The Future of Firefox: No Tabs, Built-In Ubiquity - nreece
http://www.readwriteweb.com/archives/the_future_of_firefox_no_tabs_built_in_ubiquity.php
======
greyhat
Err... what?

* I hope they don't copy iTunes, with its extremely slow interface, lack of features, lack of extensibility, lack of options... etc...

* No tabs: They must use tabs in some confused and different way than me. Generally I have one window per browsing task, e.g. one for Gmail, another for HN with tabs of articles and comment pages I'm reading, etc... ironically it was much easier to work with 10+ tabs before the changes of Firefox 3 where they would scroll off the screen because of their fairly large minimum width... Maybe if people are using one window only, and trying to keep their mail, social networking, online radio, and everything else under the sun open all day, they might get confused, but this is sort of a solved problem. Just open another window.

* Taskfox/Ubiquity: umm, what? Most searches I do in Firefox go right to the built in search box with a simple Ctrl+K, couldn't be easier. I have over the years, starting in Firefox 2, added a few keyword searches to the location bar, because I don't like changing the search box. I have w for wikipedia, and so on. This seems similar, but I'm not sure of the utility of opening Wikipedia in a tiny dropdown... how is that faster, easier to read, or any other good quality? It seems like some kind of half hearted attempt at taking an autocompleting command line and adding some that useful on the web, but I don't see anything... _useful_.

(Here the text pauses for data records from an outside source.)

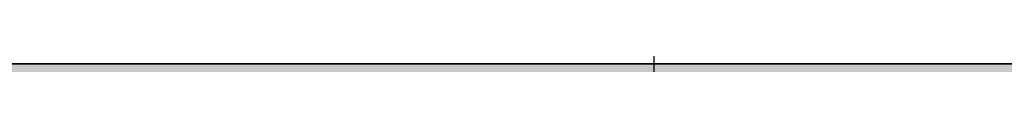
# Model space of a CAD drawing. Units: inches. Extents: x 2083 to 3317, y 1141 to 2115.
# Tile 51 of 256: x 2237.106 to 2238.294, y 1477.761 to 1477.761. Entities that reach past the tile are written whole.
import ezdxf

# ---------------------------------------------------------------- set-up
doc = ezdxf.new("R2010")
doc.units = ezdxf.units.IN
doc.layers.add('A-ANNO-DIMS', color=2, linetype='Continuous', lineweight=18)
doc.layers.add('A-WALL', color=7, linetype='Continuous', lineweight=35)
doc.layers.add('A-WALL-PATT', color=251, linetype='Continuous', lineweight=13, true_color=0x636466)
doc.styles.get("Standard").update_dxf_attribs({"font": 'arial.ttf'})
doc.dimstyles.new('ISO-25', dxfattribs={"dimtxt": 12, "dimasz": 12, "dimexe": 1.25, "dimexo": 0.625, "dimtad": 1, "dimlunit": 3, "dimtxsty": 'Standard', "dimcen": 2.5, "dimadec": 0, "dimazin": 0, "dimtfac": 1, "dimtmove": 0, "dimatfit": 3, "dimfxl": 1, "dimarcsym": 0})

# ---------------------------------------------------------------- blocks, each defined once
blk = doc.blocks.new('*D30')
at = {"layer": 'A-ANNO-DIMS', "color": 0, "lineweight": -2, "transparency": 16777216}
for p, q in [((2240.0179, 1445.2738), (2240.0179, 1448.0455)), ((2254.3293, 1445.2738), (2254.3293, 1448.0455)), ((2228.0179, 1446.7955), (2216.0179, 1446.7955)), ((2240.0179, 1446.7955), (2254.3293, 1446.7955)), ((2266.3293, 1446.7955), (2413.7649, 1446.7955))]:
    blk.add_line(p, q, dxfattribs=at)
at = {"layer": 'A-ANNO-DIMS', "color": 0, "transparency": 16777216}
for points in [[(2228.0179, 1448.7955), (2228.0179, 1444.7955), (2240.0179, 1446.7955)], [(2266.3293, 1448.7955), (2266.3293, 1444.7955), (2254.3293, 1446.7955)]]:
    blk.add_solid(points, dxfattribs=at)
at = {"layer": 'Defpoints', "color": 0, "transparency": 16777216}
for p in [(2254.3293, 1446.7955), (2240.0179, 1444.6488), (2254.3293, 1444.6488)]:
    blk.add_point(p, dxfattribs=at)
at = {"layer": 'A-ANNO-DIMS', "color": 0, "transparency": 16777216, "insert": (2346.0471, 1453.6252), "char_height": 12, "attachment_point": 5}
blk.add_mtext('WC 1\'-2 1/2" TYP.', dxfattribs=at)
blk = doc.blocks.new('*D31')
at = {"layer": 'A-ANNO-DIMS', "color": 0, "lineweight": -2, "transparency": 16777216}
for p, q in [((2237.8711, 1456.6488), (2237.8711, 1541.9152)), ((2239.3929, 1444.6488), (2236.6211, 1444.6488)), ((2237.8711, 1431.5475), (2237.8711, 1444.6488)), ((2239.3929, 1431.5475), (2236.6211, 1431.5475)), ((2237.8711, 1419.5475), (2237.8711, 1407.5475))]:
    blk.add_line(p, q, dxfattribs=at)
at = {"layer": 'A-ANNO-DIMS', "color": 0, "transparency": 16777216}
for points in [[(2235.8711, 1456.6488), (2239.8711, 1456.6488), (2237.8711, 1444.6488)], [(2235.8711, 1419.5475), (2239.8711, 1419.5475), (2237.8711, 1431.5475)]]:
    blk.add_solid(points, dxfattribs=at)
at = {"layer": 'Defpoints', "color": 0, "transparency": 16777216}
for p in [(2237.8711, 1444.6488), (2240.0179, 1444.6488), (2240.0179, 1431.5475)]:
    blk.add_point(p, dxfattribs=at)
at = {"layer": 'A-ANNO-DIMS', "color": 0, "transparency": 16777216, "insert": (2231.2175, 1505.282), "char_height": 12, "attachment_point": 5, "rotation": 90}
blk.add_mtext('1\'-1" TYP.', dxfattribs=at)
blk = doc.blocks.new('*D45')
at = {"layer": 'A-ANNO-DIMS', "color": 0, "lineweight": -2, "transparency": 16777216}
for p, q in [((2235.9598, 1478.3864), (2235.9598, 1531.3614)), ((2418.9598, 1478.3864), (2418.9598, 1531.3614)), ((2247.9598, 1530.1114), (2406.9598, 1530.1114))]:
    blk.add_line(p, q, dxfattribs=at)
at = {"layer": 'A-ANNO-DIMS', "color": 0, "transparency": 16777216}
for points in [[(2247.9598, 1532.1114), (2247.9598, 1528.1114), (2235.9598, 1530.1114)], [(2406.9598, 1532.1114), (2406.9598, 1528.1114), (2418.9598, 1530.1114)]]:
    blk.add_solid(points, dxfattribs=at)
at = {"layer": 'Defpoints', "color": 0, "transparency": 16777216}
for p in [(2418.9598, 1530.1114), (2235.9598, 1477.7614), (2418.9598, 1477.7614)]:
    blk.add_point(p, dxfattribs=at)
at = {"layer": 'A-ANNO-DIMS', "color": 0, "transparency": 16777216, "insert": (2327.4598, 1536.8673), "char_height": 12, "attachment_point": 5}
blk.add_mtext('15\'-3"', dxfattribs=at)
blk = doc.blocks.new('*D62')
at = {"layer": 'A-ANNO-DIMS', "color": 0, "lineweight": -2, "transparency": 16777216}
for p, q in [((2235.9598, 1469.3864), (2235.9598, 1522.3614)), ((2379.9598, 1469.3864), (2379.9598, 1522.3614)), ((2247.9598, 1521.1114), (2367.9598, 1521.1114))]:
    blk.add_line(p, q, dxfattribs=at)
at = {"layer": 'A-ANNO-DIMS', "color": 0, "transparency": 16777216}
for points in [[(2247.9598, 1523.1114), (2247.9598, 1519.1114), (2235.9598, 1521.1114)], [(2367.9598, 1523.1114), (2367.9598, 1519.1114), (2379.9598, 1521.1114)]]:
    blk.add_solid(points, dxfattribs=at)
at = {"layer": 'Defpoints', "color": 0, "transparency": 16777216}
for p in [(2379.9598, 1521.1114), (2235.9598, 1468.7614), (2379.9598, 1468.7614)]:
    blk.add_point(p, dxfattribs=at)
at = {"layer": 'A-ANNO-DIMS', "color": 0, "transparency": 16777216, "insert": (2307.9598, 1527.8632), "char_height": 12, "attachment_point": 5}
blk.add_mtext('12\'-0"', dxfattribs=at)

msp = doc.modelspace()

# ---------------------------------------------------------------- hatches: boundary and pattern name
at = {"layer": 'A-WALL-PATT'}
h = msp.add_hatch(color=256, dxfattribs=at)
h.dxf.hatch_style = 1
h.paths.add_polyline_path([(3126.9598, 2020.7614), (2748.9598, 2020.7614), (2604.9598, 2020.7614), (2226.9598, 2020.7614), (2226.9598, 1702.7614), (2466.9598, 1702.7614), (2466.9598, 1582.7614), (2418.9598, 1582.7614), (2418.9598, 1477.7614), (2226.9598, 1477.7614), (2226.9598, 1263.2614), (2544.9598, 1263.2614), (2544.9598, 1411.7614), (2604.9598, 1411.7614), (2685.9598, 1411.7614), (2685.9598, 1420.7614), (2604.9598, 1420.7614), (2604.9598, 1573.7614), (2604.9598, 1702.7614), (2604.9598, 2011.7614), (2748.9598, 2011.7614), (2748.9598, 1702.7614), (2862.9598, 1702.7614), (2862.9598, 1621.7614), (2871.9598, 1621.7614), (2871.9598, 1702.7614), (2883.9598, 1702.7614), (2883.9598, 1706.9395, -0.026459), (2883.9598, 1711.7614), (2757.9598, 1711.7614), (2757.9598, 1807.7614), (2787.9598, 1807.7614), (2787.9598, 1812.2614), (2757.9598, 1812.2614), (2757.9598, 2011.7614), (2877.9598, 2011.7614), (2877.9598, 1812.2614), (2847.9598, 1812.2614), (2847.9598, 1807.7614), (2889.8357, 1807.7614), (2889.8357, 1812.2614), (2882.4598, 1812.2614), (2882.4598, 2011.7614), (3117.9598, 2011.7614), (3117.9598, 1812.2614), (2937.8357, 1812.2614), (2937.8357, 1807.7614), (2995.7098, 1807.7614), (2995.7098, 1796.1177), (3000.2098, 1796.1177), (3000.2098, 1807.7614), (3117.9598, 1807.7614), (3117.9598, 1711.7614), (3000.2098, 1711.7614), (3000.2098, 1760.1177), (2998.5727, 1760.1177, -0.020711), (2995.7098, 1760.1177), (2995.7098, 1711.7614), (2931.9598, 1711.7614), (2931.9598, 1702.7614), (3126.9598, 1702.7614)])
h.paths.add_polyline_path([(2471.4598, 2011.7614), (2471.4598, 1810.0114), (2462.7169, 1810.0114), (2462.7169, 1805.5114), (2505.9598, 1805.5114), (2505.9598, 1810.0114), (2475.9598, 1810.0114), (2475.9598, 2011.7614), (2595.9598, 2011.7614), (2595.9598, 1810.0114), (2565.9598, 1810.0114), (2565.9598, 1805.5114), (2595.9598, 1805.5114), (2595.9598, 1711.7614), (2235.9598, 1711.7614), (2235.9598, 1805.5114), (2353.7098, 1805.5114), (2353.7098, 1796.0542), (2358.2098, 1796.0542), (2358.2098, 1805.5114), (2414.7169, 1805.5114), (2414.7169, 1810.0114), (2235.9598, 1810.0114), (2235.9598, 2011.7614)], flags=16)
h.paths.add_polyline_path([(2270.2047, 1994.61), (2270.2047, 1970.61), (2246.2047, 1970.61), (2246.2047, 1994.61)], flags=0)
edge = h.paths.add_edge_path(flags=0)
edge.add_ellipse((2332.0274, 1899.7982), major_axis=(-3.043, 3.043), ratio=0.168252, start_angle=-161.3322, end_angle=-156.3071, ccw=False)
edge.add_ellipse((2333.082, 1898.7435), major_axis=(-1.0546, 1.0546), ratio=0.453532, start_angle=-123.371, end_angle=-94.1591)
edge = h.paths.add_edge_path(flags=0)
edge.add_ellipse((2332.0274, 1968.8763), major_axis=(3.043, 3.043), ratio=0.168252, start_angle=18.6678, end_angle=23.6929)
edge.add_spline(control_points=[(2332.9256, 1970.6911), (2332.2268, 1970.3361), (2330.8937, 1969.6589), (2328.4131, 1970.9321), (2327.2039, 1967.7487), (2324.7096, 1969.9556), (2322.5328, 1967.0124), (2320.0128, 1971.2958), (2317.6803, 1968.1578), (2316.0405, 1967.102), (2315.4269, 1966.8096)], knot_values=[0, 0, 0, 0, 2.267059, 4.324559, 6.685584, 8.878641, 11.121502, 14.300359, 17.755284, 19.732645, 19.732645, 19.732645, 19.732645], degree=3, periodic=0)
edge.add_ellipse((2332.0274, 1968.8763), major_axis=(3.043, 3.043), ratio=0.168252, start_angle=18.6678, end_angle=23.6929, ccw=False)
edge.add_ellipse((2333.082, 1969.9309), major_axis=(1.0546, 1.0546), ratio=0.453532, start_angle=56.629, end_angle=85.8409, ccw=False)
edge = h.paths.add_edge_path(flags=0)
edge.add_spline(control_points=[(2296.4283, 1967.9879), (2293.6278, 1965.3363), (2287.7036, 1959.7271), (2299.7439, 1949.9957), (2294.5326, 1935.6685), (2290.5732, 1920.6035), (2293.3941, 1909.9737), (2296.1854, 1904.9665)], knot_values=[0.099185, 0.099185, 0.099185, 0.099185, 0.345301, 0.619822, 0.982653, 1.386093, 1.810555, 1.810555, 1.810555, 1.810555], degree=3, periodic=0)
edge.add_spline(control_points=[(2296.1854, 1904.9665), (2297.3836, 1902.6193), (2298.001, 1901.9493), (2298.553, 1901.4682)], knot_values=[0.006246, 0.006246, 0.006246, 0.006246, 0.055476, 0.055476, 0.055476, 0.055476], degree=3, periodic=0)
edge.add_spline(control_points=[(2298.553, 1901.4682), (2297.2586, 1900.9232), (2295.2253, 1900.2321), (2293.0602, 1900.6142), (2292.1014, 1900.7884), (2292.0896, 1900.7906)], knot_values=[0.312835, 0.312835, 0.312835, 0.312835, 0.40178, 0.474987, 0.475903, 0.475903, 0.475903, 0.475903], degree=3, periodic=0)
edge.add_arc((2292.7936, 1904.6641), 3.937, 215.4209, 259.6982, ccw=False)
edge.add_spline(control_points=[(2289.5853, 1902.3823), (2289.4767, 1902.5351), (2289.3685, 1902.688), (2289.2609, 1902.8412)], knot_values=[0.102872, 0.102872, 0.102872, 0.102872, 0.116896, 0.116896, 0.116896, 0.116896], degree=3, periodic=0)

* Possibly unrelated gripe: I took a while to "upgrade" to Firefox 3 from v2 because I didn't like the "AwesomeBar" and a couple of other interface changes. While I am mostly used to it now, I still can't reliably get the AwesomeBar to autocomplete some URLs. It seems to fixate on the first match, often not displaying the second match until I actually type the full URL, if at all. Not to mention the fact that even when it works, its not as fast as the Firefox 2 behavior of naively autocompleting visited URLs. I don't need to autocomplete my bookmarks, that's why they are bookmarks! I click on them!

I like Firefox, I have since Phoenix 0.4 or so, but I really don't know what
they're doing anymore...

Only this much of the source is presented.